Bundesgerichtshof klärt Entschädigungsanspruch bei Datenschutzverstoß

Bundesgerichtshof klärt Entschädigungsanspruch bei Datenschutzverstoß
Auch ein geringer Datenschutzverstoß wie die versehentliche Weitergabe von Daten eines Stellenbewerbers kann einen Entschädigungsanspruch begründen. Auf den Grad des Datenschutzverstoßes kommt es nicht an, urteilte der Bundesgerichtshof.

Karlsruhe (epd). Die von einem Arbeitgeber weitergegebene Information über einen Stellenbewerber an eine andere Person kann eine Entschädigungszahlung begründen.

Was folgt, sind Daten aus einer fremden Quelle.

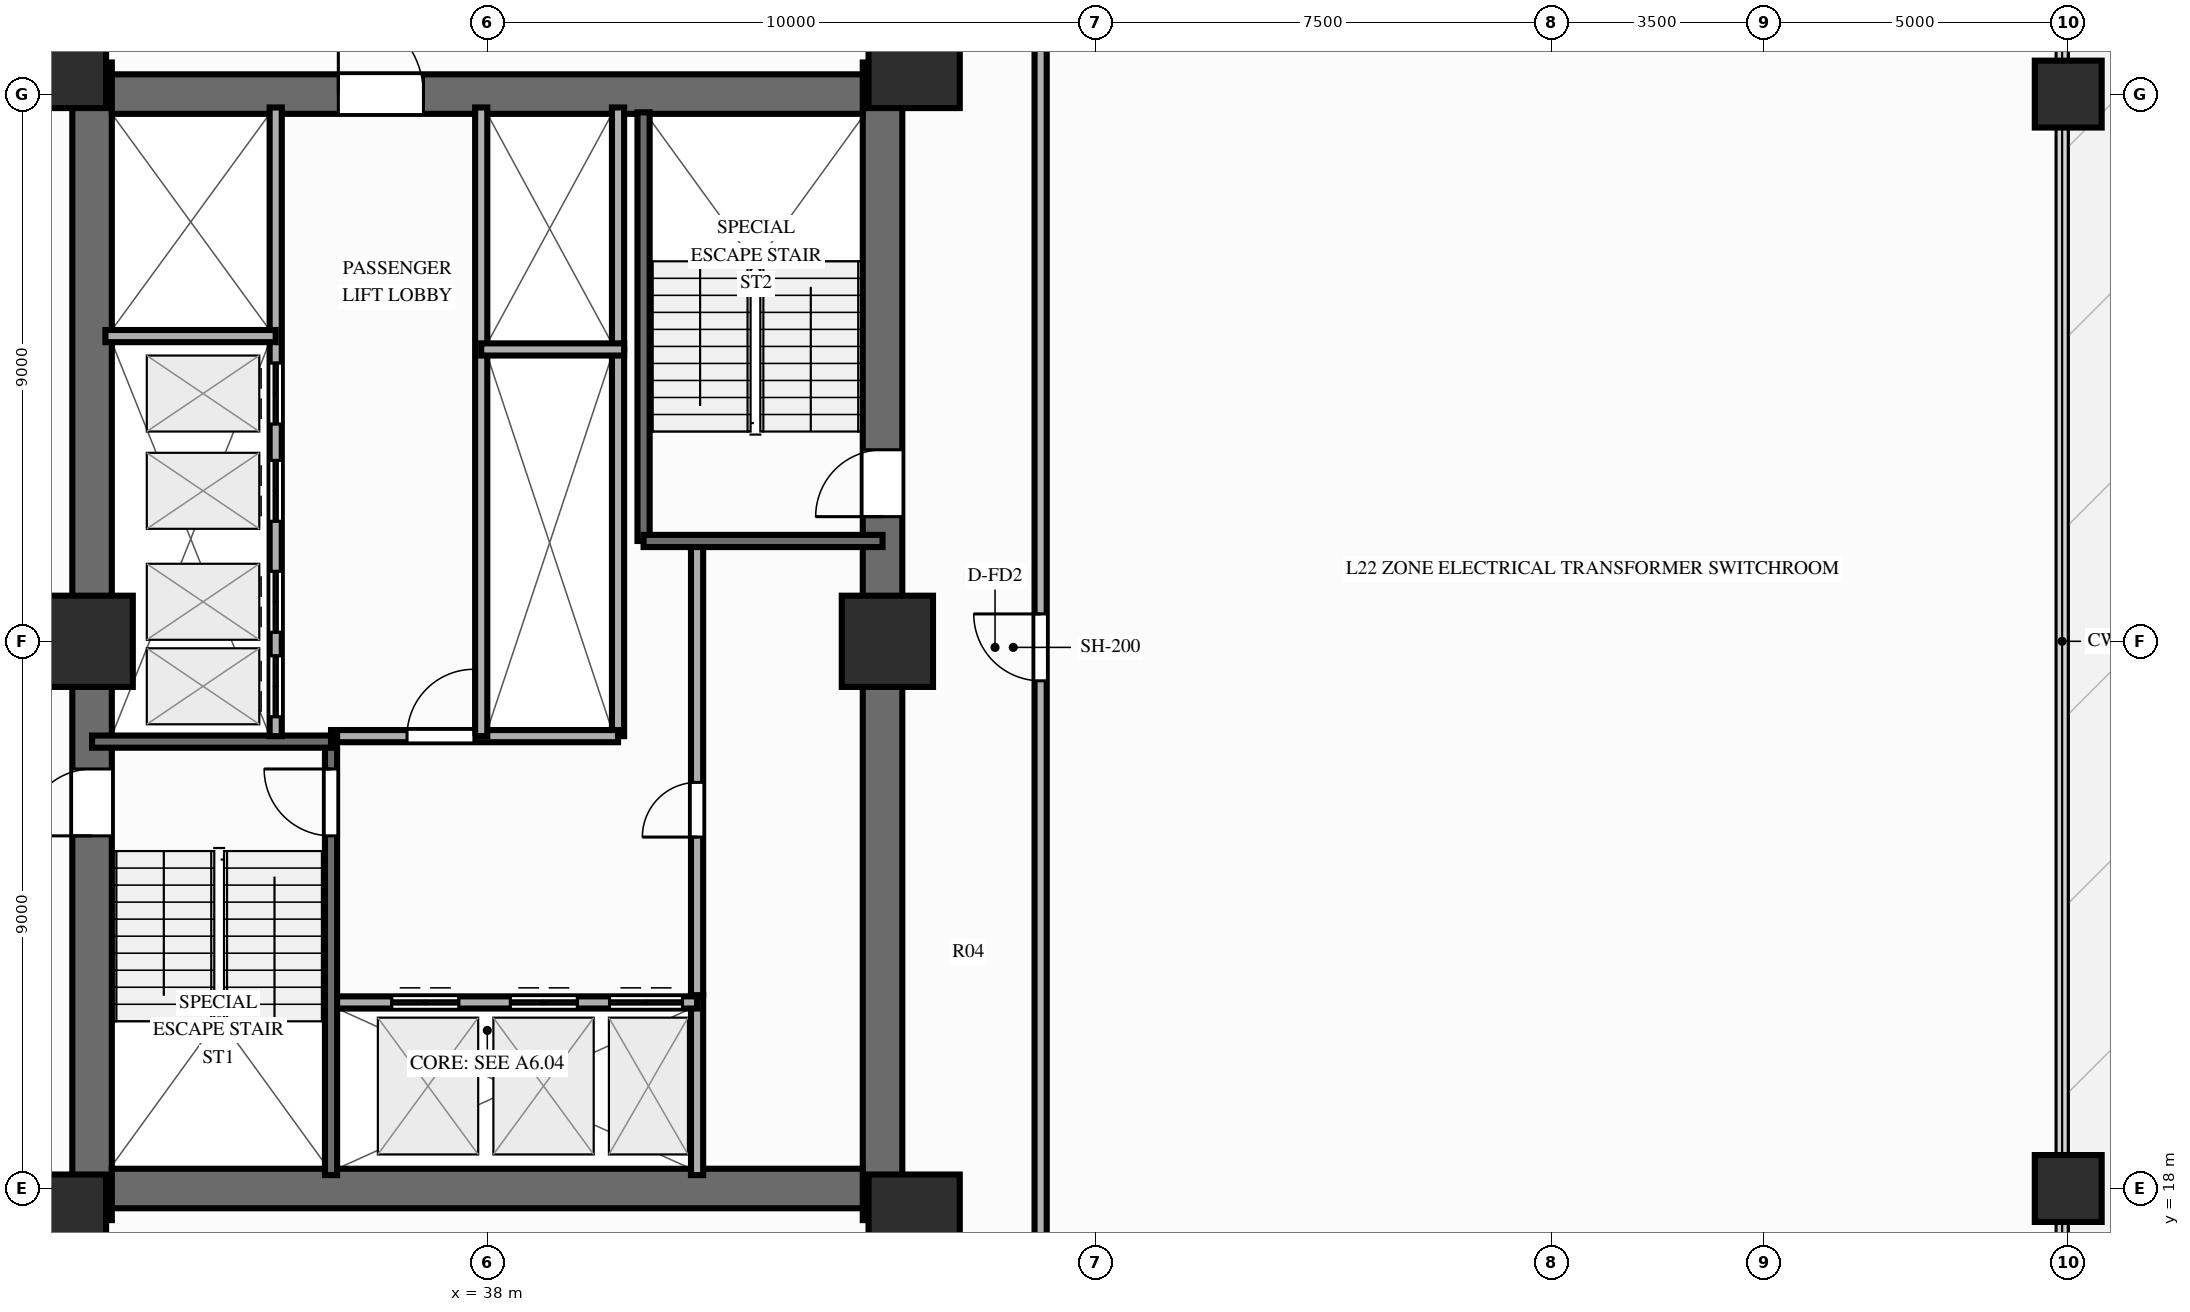
"""IFC4 building model, lengths in metres.
Left out: names, types, materials, properties, quantities, classifications, styles, units other than length and angle.
Written with IfcOpenShell. Run it as: python <this file> out.ifc"""

import sys

from ifc_helpers import new_model, si_unit, direction, frame, frame_2d, origin, origin_2d, place, context, subcontext, project, spatial, rectangle, extrude, source, transform, mapped, element, fill, save


model = new_model("IFC4")
c1 = context("Model", 3, precision=1e-05, world=origin(), true_north=direction((0.0, 1.0)))
c2 = subcontext(c1, "Body", "Model", "MODEL_VIEW")
j1 = project(units=[si_unit("LENGTHUNIT", "METRE"), si_unit("PLANEANGLEUNIT", "RADIAN")], contexts=[c1])
p1 = place(None, origin())
s1 = spatial("IfcSite", under=j1, at=p1, CompositionType="ELEMENT")
p2 = place(p1, origin())
s2 = spatial("IfcBuilding", under=s1, at=p2, CompositionType="ELEMENT")
p3 = place(p2, frame((0.0, 0.0, 70.4)))
s3 = spatial("IfcBuildingStorey", under=s2, at=p3, CompositionType="ELEMENT", Elevation=70.4)
p4 = place(p3, frame((31.5, 17.48, 0.0), z_axis=(0.0, 0.0, 1.0), x_axis=(0.0, 1.0, 0.0)))
e1 = element("IfcWall", 1, at=p4, inside=s3, PredefinedType="SHEAR", context=c2, shape_type="SweptSolid", body=[
    extrude(rectangle(XDim=19.04, YDim=0.65, at=frame_2d((9.52, 0.0))), origin(), (0.0, 0.0, 1.0), 3.95),
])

Das gilt auch dann, wenn der Stellenbewerber nur befürchten muss, dass seine weitergegebenen Daten missbräuchlich verwendet werden könnten, entschied der Bundesgerichtshof (BGH) in einem am Dienstag veröffentlichten Urteil. (AZ: VI ZR 97/22) Auf den Grad des Datenschutzverstoßes kommt es für den Schadenersatzanspruch nicht an, betonten die Karlsruher Richter, die damit der Rechtsprechung des Europäischen Gerichtshofs (EuGH) folgten.

Geklagt hatte ein Stellenbewerber aus Hessen, der sich über das Online-Portal Xing bei einer Bank beworben hatte. Eine Mitarbeiterin der Bank antwortete daraufhin über den Xing-Messengerdienst, dass dessen Gehaltsvorstellungen nicht erfüllt werden könnten. Stattdessen bot die Bank dem Mann ein Jahresgehalt von 80.000 Euro an. Das Problem: Die Mitarbeiterin versandte die Nachricht nicht an den Bewerber, sondern - offensichtlich versehentlich - an eine dritte Person. Diese kannte den Bewerber und informierte ihn über die erhaltene Nachricht.

Entschädigung auch bei geringem Verschulden möglich

Daraufhin klagte der Mann auf Unterlassung und verlangte unter Verweis auf die Datenschutz-Grundverordnung (DSGVO) eine Entschädigung in Höhe von mindestens 2.500 Euro. Ihm sei mit der Weitergabe seiner Bewerberdaten ein immaterieller Schaden entstanden. Es sei zu befürchten, dass die in der gleichen Branche tätige dritte Person die Daten missbräuchlich nutze und weitergebe.

Der BGH legte den Fall dem EuGH zur Prüfung vor. Dieser urteilte am 4. September 2025, dass es für eine Entschädigung nach der DSGVO nicht auf den Grad der Schädigung ankomme (AZ.: C-655/23). Ein geringes Verschulden für einen Datenschutzverstoß vorliege, schließe eine Entschädigung nicht aus, so das Gericht.

Daraufhin urteilte der BGH, dass dem Kläger dem Grunde nach eine Entschädigung zusteht, über deren Höhe das Oberlandesgericht (OLG) Frankfurt am Main entscheiden muss. Für einen Entschädigungsanspruch müsse die betroffene Person einen tatsächlichen Schaden nachweisen. Der könne bereits im empfundenen Kontrollverlustes über die persönlichen Daten liegen. Hier bestehe zudem die begründete Befürchtung, dass die dritte Person die Angaben unbefugt verwenden könnte. Das wäre etwa der Fall, wenn sie sich als Konkurrent um eine andere Stelle bewirbt und sich mit der Verwendung der Daten des Klägers einen Vorteil verschafft.